Plenty of Room for Improvement
In recent months, numerous research studies have highlighted issues with reasoning models. For instance, researchers from Microsoft, in their Phi-4 Reasoning paper, stated that they still face challenges, including the consumption of excessive time and resources, slower response times, and most notably, the issue of their responses contradicting their own reasoning steps.
Recently, Anthropic released a study revealing that reasoning chains (chain-of-thoughts or CoTs) may not always reflect a model’s actual reasoning process. The researchers found that models often exploit external hints—explicit cues inserted into prompts to guide them toward correct answers—but rarely acknowledge or verbalise these hints in their reasoning steps.
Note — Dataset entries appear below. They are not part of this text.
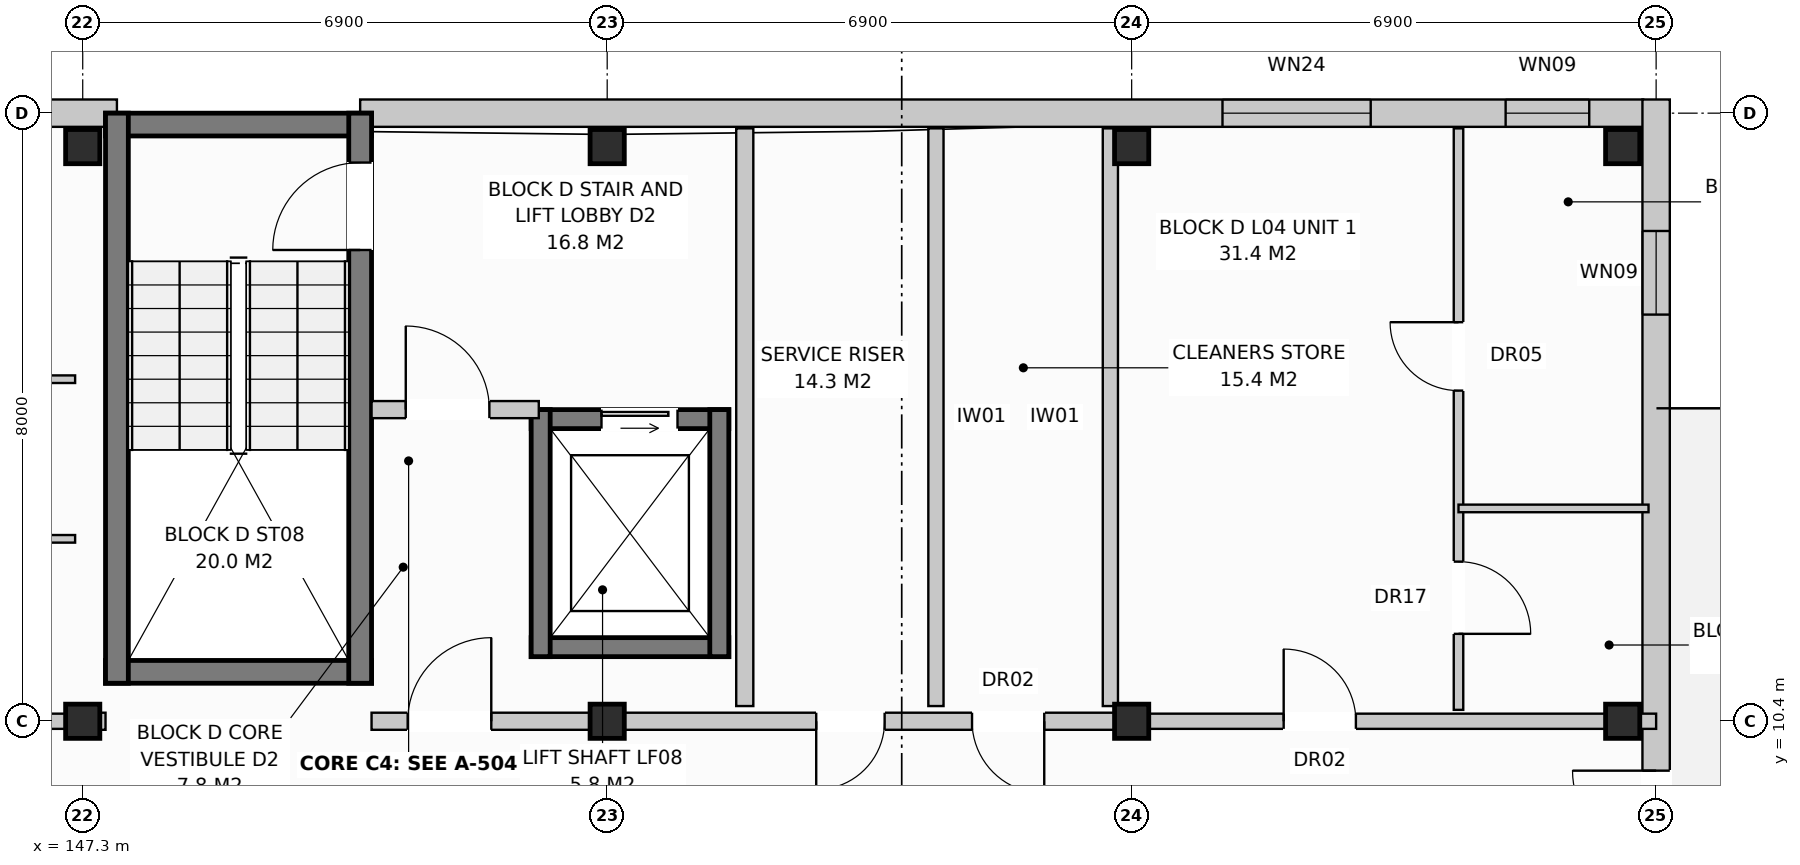
"""IFC4 building model, lengths in metres.
Left out: names, types, materials, properties, quantities, classifications, styles, units other than length and angle.
Written with IfcOpenShell. Run it as: python <this file> out.ifc"""

import sys

from ifc_helpers import new_model, si_unit, direction, frame, frame_2d, origin, origin_with_axes, origin_2d, place, context, subcontext, project, spatial, rectangle, extrude, element, fill, save


model = new_model("IFC4")
c1 = context("Model", 3, precision=1e-05, world=origin(), true_north=direction((0.0, 1.0)))
c2 = subcontext(c1, "Body", "Model", "MODEL_VIEW")
j1 = project(units=[si_unit("LENGTHUNIT", "METRE"), si_unit("PLANEANGLEUNIT", "RADIAN")], contexts=[c1])
p1 = place(None, origin())
s1 = spatial("IfcSite", under=j1, at=p1, CompositionType="ELEMENT")
p2 = place(p1, origin())
s2 = spatial("IfcBuilding", under=s1, at=p2, CompositionType="ELEMENT")
p3 = place(p2, frame((0.0, 0.0, 14.4)))
s3 = spatial("IfcBuildingStorey", under=s2, at=p3, CompositionType="ELEMENT", Elevation=14.4)
for number, where, z_axis, x_axis in (
    (1, (147.3, 10.4, 0.0), (0.0, 0.0, 1.0), (1.0, 0.0, 0.0)),
    (2, (147.3, 17.96, 0.0), (0.0, 0.0, 1.0), (1.0, 0.0, 0.0)),
    (3, (154.2, 10.4, 0.0), (0.0, 0.0, 1.0), (1.0, 0.0, 0.0)),
    (4, (154.2, 17.96, 0.0), (0.0, 0.0, 1.0), (1.0, 0.0, 0.0)),
    (5, (161.1, 10.4, 0.0), (0.0, 0.0, 1.0), (1.0, 0.0, 0.0)),
    (6, (161.1, 17.96, 0.0), (0.0, 0.0, 1.0), (1.0, 0.0, 0.0)),
    (7, (167.56, 10.4, 0.0), (0.0, 0.0, 1.0), (1.0, 0.0, 0.0)),
    (8, (167.56, 17.96, 0.0), (0.0, 0.0, 1.0), (1.0, 0.0, 0.0)),
):
    element("IfcColumn", number, at=place(p3, frame(where, z_axis=z_axis, x_axis=x_axis)), inside=s3, PredefinedType="COLUMN", context=c2, shape_type="SweptSolid", body=[
        extrude(rectangle(XDim=0.45, YDim=0.45, at=origin_2d()), origin(), (0.0, 0.0, 1.0), 3.2),
    ])
p4 = place(p3, frame((130.25, 18.4, 0.0), z_axis=(0.0, 0.0, 1.0), x_axis=(1.0, 0.0, 0.0)))
e9 = element("IfcWall", 9, at=p4, inside=s3, PredefinedType="STANDARD", context=c2, shape_type="SweptSolid", body=[
    extrude(rectangle(XDim=17.5, YDim=0.36, at=frame_2d((8.75, 0.0))), origin(), (0.0, 0.0, 1.0), 2.94),
])
p5 = place(p4, frame((11.97, 0.0, 0.0)))
e10 = element("IfcOpeningElement", 10, at=p5, cuts=e9, PredefinedType="OPENING", context=c2, shape_type="SweptSolid", body=[
    extrude(rectangle(XDim=0.95, YDim=2.1, at=frame_2d((0.475, 1.05))), frame((0.0, 0.192, 0.0), z_axis=(0.0, -1.0, 0.0), x_axis=(1.0, 0.0, 0.0)), (0.0, 0.0, 1.0), 0.384),
])
p6 = place(p4, frame((14.97, 0.0, 0.72)))
e11 = element("IfcOpeningElement", 11, at=p6, cuts=e9, PredefinedType="OPENING", context=c2, shape_type="SweptSolid", body=[
    extrude(rectangle(XDim=1.1, YDim=1.5, at=frame_2d((0.55, 0.75))), frame((0.0, 0.192, 0.0), z_axis=(0.0, -1.0, 0.0), x_axis=(1.0, 0.0, 0.0)), (0.0, 0.0, 1.0), 0.384),
])
p7 = place(p3, frame((150.95, 18.4, 0.0), z_axis=(0.0, 0.0, 1.0), x_axis=(1.0, 0.0, 0.0)))
e12 = element("IfcWall", 12, at=p7, inside=s3, PredefinedType="STANDARD", context=c2, shape_type="SweptSolid", body=[
    extrude(rectangle(XDim=16.88, YDim=0.36, at=frame_2d((8.44, 0.0))), origin(), (0.0, 0.0, 1.0), 2.94),
])
p8 = place(p7, frame((11.345, 0.0, 0.8)))
e13 = element("IfcOpeningElement", 13, at=p8, cuts=e12, PredefinedType="OPENING", context=c2, shape_type="SweptSolid", body=[
    extrude(rectangle(XDim=1.95, YDim=1.65, at=frame_2d((0.975, 0.825))), frame((0.0, 0.192, 0.0), z_axis=(0.0, -1.0, 0.0), x_axis=(1.0, 0.0, 0.0)), (0.0, 0.0, 1.0), 0.384),
])
p9 = place(p7, frame((15.07, 0.0, 0.72)))
e14 = element("IfcOpeningElement", 14, at=p9, cuts=e12, PredefinedType="OPENING", context=c2, shape_type="SweptSolid", body=[
    extrude(rectangle(XDim=1.1, YDim=1.5, at=frame_2d((0.55, 0.75))), frame((0.0, 0.192, 0.0), z_axis=(0.0, -1.0, 0.0), x_axis=(1.0, 0.0, 0.0)), (0.0, 0.0, 1.0), 0.384),
])
p10 = place(p3, frame((168.0, -0.18, 0.0), z_axis=(0.0, 0.0, 1.0), x_axis=(0.0, 1.0, 0.0)))
e15 = element("IfcWall", 15, at=p10, inside=s3, PredefinedType="STANDARD", context=c2, shape_type="SweptSolid", body=[
    extrude(rectangle(XDim=18.76, YDim=0.36, at=frame_2d((9.38, 0.0))), origin(), (0.0, 0.0, 1.0), 2.94),
])
p11 = place(p10, frame((8.83, 0.0, 0.0)))
e16 = element("IfcOpeningElement", 16, at=p11, cuts=e15, PredefinedType="OPENING", context=c2, shape_type="SweptSolid", body=[
    extrude(rectangle(XDim=1.1, YDim=2.1, at=frame_2d((0.55, 1.05))), frame((0.0, 0.192, 0.0), z_axis=(0.0, -1.0, 0.0), x_axis=(1.0, 0.0, 0.0)), (0.0, 0.0, 1.0), 0.384),
])
p12 = place(p10, frame((1.73, 0.0, 0.72)))
e17 = element("IfcOpeningElement", 17, at=p12, cuts=e15, PredefinedType="OPENING", context=c2, shape_type="SweptSolid", body=[
    extrude(rectangle(XDim=1.1, YDim=1.5, at=frame_2d((0.55, 0.75))), frame((0.0, 0.192, 0.0), z_axis=(0.0, -1.0, 0.0), x_axis=(1.0, 0.0, 0.0)), (0.0, 0.0, 1.0), 0.384),
])
p13 = place(p10, frame((15.93, 0.0, 0.72)))
e18 = element("IfcOpeningElement", 18, at=p13, cuts=e15, PredefinedType="OPENING", context=c2, shape_type="SweptSolid", body=[
    extrude(rectangle(XDim=1.1, YDim=1.5, at=frame_2d((0.55, 0.75))), frame((0.0, 0.192, 0.0), z_axis=(0.0, -1.0, 0.0), x_axis=(1.0, 0.0, 0.0)), (0.0, 0.0, 1.0), 0.384),
])
for number, where, z_axis, x_axis in (
    (19, (147.6, 18.25, 0.0), (0.0, 0.0, 1.0), (1.0, 0.0, 0.0)),
    (20, (147.6, 11.05, 0.0), (0.0, 0.0, 1.0), (1.0, 0.0, 0.0)),
):
    element("IfcWall", number, at=place(p3, frame(where, z_axis=z_axis, x_axis=x_axis)), inside=s3, PredefinedType="SHEAR", context=c2, shape_type="SweptSolid", body=[
        extrude(rectangle(XDim=3.5, YDim=0.3, at=frame_2d((1.75, 0.0))), origin(), (0.0, 0.0, 1.0), 2.94),
    ])
p14 = place(p3, frame((147.75, 10.9, 0.0), z_axis=(0.0, 0.0, 1.0), x_axis=(0.0, 1.0, 0.0)))
e21 = element("IfcWall", 21, at=p14, inside=s3, PredefinedType="SHEAR", context=c2, shape_type="SweptSolid", body=[
    extrude(rectangle(XDim=7.5, YDim=0.3, at=frame_2d((3.75, 0.0))), origin(), (0.0, 0.0, 1.0), 2.94),
])
p15 = place(p3, frame((150.95, 10.9, 0.0), z_axis=(0.0, 0.0, 1.0), x_axis=(0.0, 1.0, 0.0)))
e22 = element("IfcWall", 22, at=p15, inside=s3, PredefinedType="SHEAR", context=c2, shape_type="SweptSolid", body=[
    extrude(rectangle(XDim=7.5, YDim=0.3, at=frame_2d((3.75, 0.0))), origin(), (0.0, 0.0, 1.0), 2.94),
])
p16 = place(p15, frame((5.7, 0.0, 0.0)))
e23 = element("IfcOpeningElement", 23, at=p16, cuts=e22, PredefinedType="OPENING", context=c2, shape_type="SweptSolid", body=[
    extrude(rectangle(XDim=1.15, YDim=2.15, at=frame_2d((0.575, 1.075))), frame((0.0, 0.162, 0.0), z_axis=(0.0, -1.0, 0.0), x_axis=(1.0, 0.0, 0.0)), (0.0, 0.0, 1.0), 0.324),
])
p17 = place(p3, frame((153.2, 14.375, 0.0), z_axis=(0.0, 0.0, 1.0), x_axis=(1.0, 0.0, 0.0)))
e24 = element("IfcWall", 24, at=p17, inside=s3, PredefinedType="SHEAR", context=c2, shape_type="SweptSolid", body=[
    extrude(rectangle(XDim=2.6, YDim=0.25, at=frame_2d((1.3, 0.0))), origin(), (0.0, 0.0, 1.0), 2.94),
])
p18 = place(p17, frame((0.925, 0.0, 0.0)))
e25 = element("IfcOpeningElement", 25, at=p18, cuts=e24, PredefinedType="OPENING", context=c2, shape_type="SweptSolid", body=[
    extrude(rectangle(XDim=1.0, YDim=2.1, at=frame_2d((0.5, 1.05))), frame((0.0, 0.137, 0.0), z_axis=(0.0, -1.0, 0.0), x_axis=(1.0, 0.0, 0.0)), (0.0, 0.0, 1.0), 0.274),
])
p19 = place(p3, frame((153.2, 11.375, 0.0), z_axis=(0.0, 0.0, 1.0), x_axis=(1.0, 0.0, 0.0)))
e26 = element("IfcWall", 26, at=p19, inside=s3, PredefinedType="SHEAR", context=c2, shape_type="SweptSolid", body=[
    extrude(rectangle(XDim=2.6, YDim=0.25, at=frame_2d((1.3, 0.0))), origin(), (0.0, 0.0, 1.0), 2.94),
])
for number, where, z_axis, x_axis in (
    (27, (153.325, 11.25, 0.0), (0.0, 0.0, 1.0), (0.0, 1.0, 0.0)),
    (28, (155.675, 11.25, 0.0), (0.0, 0.0, 1.0), (0.0, 1.0, 0.0)),
):
    element("IfcWall", number, at=place(p3, frame(where, z_axis=z_axis, x_axis=x_axis)), inside=s3, PredefinedType="SHEAR", context=c2, shape_type="SweptSolid", body=[
        extrude(rectangle(XDim=3.25, YDim=0.25, at=frame_2d((1.625, 0.0))), origin(), (0.0, 0.0, 1.0), 2.94),
    ])
p20 = place(p3, frame((156.01, 10.6, 0.0), z_axis=(0.0, 0.0, 1.0), x_axis=(0.0, 1.0, 0.0)))
e29 = element("IfcWall", 29, at=p20, inside=s3, PredefinedType="PARTITIONING", context=c2, shape_type="SweptSolid", body=[
    extrude(rectangle(XDim=7.6, YDim=0.225, at=frame_2d((3.8, 0.0))), origin(), (0.0, 0.0, 1.0), 2.59),
])
p21 = place(p3, frame((151.1, 14.5, 0.0), z_axis=(0.0, 0.0, 1.0), x_axis=(1.0, 0.0, 0.0)))
e30 = element("IfcWall", 30, at=p21, inside=s3, PredefinedType="PARTITIONING", context=c2, shape_type="SweptSolid", body=[
    extrude(rectangle(XDim=2.2, YDim=0.225, at=frame_2d((1.1, 0.0))), origin(), (0.0, 0.0, 1.0), 2.94),
])
p22 = place(p21, frame((0.45, 0.0, 0.0)))
e31 = element("IfcOpeningElement", 31, at=p22, cuts=e30, PredefinedType="OPENING", context=c2, shape_type="SweptSolid", body=[
    extrude(rectangle(XDim=1.1, YDim=2.15, at=frame_2d((0.55, 1.075))), frame((0.0, 0.125, 0.0), z_axis=(0.0, -1.0, 0.0), x_axis=(1.0, 0.0, 0.0)), (0.0, 0.0, 1.0), 0.249),
])
p23 = place(p3, frame((147.3, 10.4, 0.0), z_axis=(0.0, 0.0, 1.0), x_axis=(1.0, 0.0, 0.0)))
e32 = element("IfcWall", 32, at=p23, inside=s3, PredefinedType="PARTITIONING", context=c2, shape_type="SweptSolid", body=[
    extrude(rectangle(XDim=0.3, YDim=0.225, at=frame_2d((0.15, 0.0))), origin(), (0.0, 0.0, 1.0), 2.94),
])
p24 = place(p3, frame((158.525, 10.6, 0.0), z_axis=(0.0, 0.0, 1.0), x_axis=(0.0, 1.0, 0.0)))
e33 = element("IfcWall", 33, at=p24, inside=s3, PredefinedType="PARTITIONING", context=c2, shape_type="SweptSolid", body=[
    extrude(rectangle(XDim=7.6, YDim=0.2, at=frame_2d((3.8, 0.0))), origin(), (0.0, 0.0, 1.0), 2.94),
])
p25 = place(p3, frame((160.82, 10.6, 0.0), z_axis=(0.0, 0.0, 1.0), x_axis=(0.0, 1.0, 0.0)))
e34 = element("IfcWall", 34, at=p25, inside=s3, PredefinedType="PARTITIONING", context=c2, shape_type="SweptSolid", body=[
    extrude(rectangle(XDim=7.6, YDim=0.2, at=frame_2d((3.8, 0.0))), origin(), (0.0, 0.0, 1.0), 2.38),
])
p26 = place(p3, frame((151.1, 10.4, 0.0), z_axis=(0.0, 0.0, 1.0), x_axis=(1.0, 0.0, 0.0)))
e35 = element("IfcWall", 35, at=p26, inside=s3, PredefinedType="PARTITIONING", context=c2, shape_type="SweptSolid", body=[
    extrude(rectangle(XDim=10.0, YDim=0.225, at=frame_2d((5.0, 0.0))), origin(), (0.0, 0.0, 1.0), 2.38),
])
p27 = place(p26, frame((0.475, 0.0, 0.0)))
e36 = element("IfcOpeningElement", 36, at=p27, cuts=e35, PredefinedType="OPENING", context=c2, shape_type="SweptSolid", body=[
    extrude(rectangle(XDim=1.1, YDim=2.15, at=frame_2d((0.55, 1.075))), frame((0.0, 0.125, 0.0), z_axis=(0.0, -1.0, 0.0), x_axis=(1.0, 0.0, 0.0)), (0.0, 0.0, 1.0), 0.249),
])
p28 = place(p26, frame((5.85, 0.0, 0.0)))
e37 = element("IfcOpeningElement", 37, at=p28, cuts=e35, PredefinedType="OPENING", context=c2, shape_type="SweptSolid", body=[
    extrude(rectangle(XDim=0.9, YDim=2.1, at=frame_2d((0.45, 1.05))), frame((0.0, 0.125, 0.0), z_axis=(0.0, -1.0, 0.0), x_axis=(1.0, 0.0, 0.0)), (0.0, 0.0, 1.0), 0.249),
])
p29 = place(p26, frame((7.9, 0.0, 0.0)))
e38 = element("IfcOpeningElement", 38, at=p29, cuts=e35, PredefinedType="OPENING", context=c2, shape_type="SweptSolid", body=[
    extrude(rectangle(XDim=0.95, YDim=2.15, at=frame_2d((0.475, 1.075))), frame((0.0, 0.125, 0.0), z_axis=(0.0, -1.0, 0.0), x_axis=(1.0, 0.0, 0.0)), (0.0, 0.0, 1.0), 0.249),
])
p30 = place(p3, frame((140.4, 10.4, 0.0), z_axis=(0.0, 0.0, 1.0), x_axis=(1.0, 0.0, 0.0)))
e39 = element("IfcWall", 39, at=p30, inside=s3, PredefinedType="PARTITIONING", context=c2, shape_type="SweptSolid", body=[
    extrude(rectangle(XDim=6.9, YDim=0.2, at=frame_2d((3.45, 0.0))), origin(), (0.0, 0.0, 1.0), 2.38),
])
p31 = place(p30, frame((2.0, 0.0, 0.0)))
e40 = element("IfcOpeningElement", 40, at=p31, cuts=e39, PredefinedType="OPENING", context=c2, shape_type="SweptSolid", body=[
    extrude(rectangle(XDim=0.95, YDim=2.15, at=frame_2d((0.475, 1.075))), frame((0.0, 0.112, 0.0), z_axis=(0.0, -1.0, 0.0), x_axis=(1.0, 0.0, 0.0)), (0.0, 0.0, 1.0), 0.224),
])
for number, where, z_axis, x_axis in (
    (41, (144.3, 12.8, 0.0), (0.0, 0.0, 1.0), (1.0, 0.0, 0.0)),
    (42, (144.3, 14.9, 0.0), (0.0, 0.0, 1.0), (1.0, 0.0, 0.0)),
):
    element("IfcWall", number, at=place(p3, frame(where, z_axis=z_axis, x_axis=x_axis)), inside=s3, PredefinedType="PARTITIONING", context=c2, shape_type="SweptSolid", body=[
        extrude(rectangle(XDim=2.9, YDim=0.1, at=frame_2d((1.45, 0.0))), origin(), (0.0, 0.0, 1.0), 2.94),
    ])
p32 = place(p3, frame((161.1, 10.4, 0.0), z_axis=(0.0, 0.0, 1.0), x_axis=(1.0, 0.0, 0.0)))
e43 = element("IfcWall", 43, at=p32, inside=s3, PredefinedType="PARTITIONING", context=c2, shape_type="SweptSolid", body=[
    extrude(rectangle(XDim=6.9, YDim=0.2, at=frame_2d((3.45, 0.0))), origin(), (0.0, 0.0, 1.0), 2.38),
])
p33 = place(p32, frame((2.0, 0.0, 0.0)))
e44 = element("IfcOpeningElement", 44, at=p33, cuts=e43, PredefinedType="OPENING", context=c2, shape_type="SweptSolid", body=[
    extrude(rectangle(XDim=0.95, YDim=2.15, at=frame_2d((0.475, 1.075))), frame((0.0, 0.112, 0.0), z_axis=(0.0, -1.0, 0.0), x_axis=(1.0, 0.0, 0.0)), (0.0, 0.0, 1.0), 0.224),
])
p34 = place(p3, frame((165.4, 10.55, 0.0), z_axis=(0.0, 0.0, 1.0), x_axis=(0.0, 1.0, 0.0)))
e45 = element("IfcWall", 45, at=p34, inside=s3, PredefinedType="PARTITIONING", context=c2, shape_type="SweptSolid", body=[
    extrude(rectangle(XDim=7.65, YDim=0.125, at=frame_2d((3.825, 0.0))), origin(), (0.0, 0.0, 1.0), 2.94),
])
p35 = place(p34, frame((1.0, 0.0, 0.0)))
e46 = element("IfcOpeningElement", 46, at=p35, cuts=e45, PredefinedType="OPENING", context=c2, shape_type="SweptSolid", body=[
    extrude(rectangle(XDim=0.95, YDim=2.1, at=frame_2d((0.475, 1.05))), frame((0.0, 0.074, 0.0), z_axis=(0.0, -1.0, 0.0), x_axis=(1.0, 0.0, 0.0)), (0.0, 0.0, 1.0), 0.149),
])
p36 = place(p34, frame((4.2, 0.0, 0.0)))
e47 = element("IfcOpeningElement", 47, at=p36, cuts=e45, PredefinedType="OPENING", context=c2, shape_type="SweptSolid", body=[
    extrude(rectangle(XDim=0.9, YDim=2.1, at=frame_2d((0.45, 1.05))), frame((0.0, 0.074, 0.0), z_axis=(0.0, -1.0, 0.0), x_axis=(1.0, 0.0, 0.0)), (0.0, 0.0, 1.0), 0.149),
])
p37 = place(p3, frame((165.4, 13.2, 0.0), z_axis=(0.0, 0.0, 1.0), x_axis=(1.0, 0.0, 0.0)))
e48 = element("IfcWall", 48, at=p37, inside=s3, PredefinedType="PARTITIONING", context=c2, shape_type="SweptSolid", body=[
    extrude(rectangle(XDim=2.5, YDim=0.1, at=frame_2d((1.25, 0.0))), origin(), (0.0, 0.0, 1.0), 2.94),
])
p38 = place(p8, origin_with_axes())
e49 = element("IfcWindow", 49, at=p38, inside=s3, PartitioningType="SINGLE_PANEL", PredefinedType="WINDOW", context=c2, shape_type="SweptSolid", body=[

This gap between internal behaviour and external explanation raises concerns about the reliability of using CoTs for model interpretability and safety.
Even OpenAI released a research report that indicates that frontier reasoning models frequently engage in reward hacking, where AI agents exploit loopholes in their objectives to gain rewards in unintended ways. OpenAI said that using a less powerful model (GPT-4o) to monitor a stronger model like the o3-Mini.
Nat McAleese, member of the technical staff at OpenAI, said in a post on X that “large reasoning models are extremely good at reward hacking”, and handpicked examples from the report to illustrate his statement.
“There’s a lot of redundancy in the chain of reasonings; they contradict themselves, and there are a lot of unanswered questions,” said Behl. “But, it is an evolving space. If we can nail this as a community and understand how the models think, there will be a lot of gain.”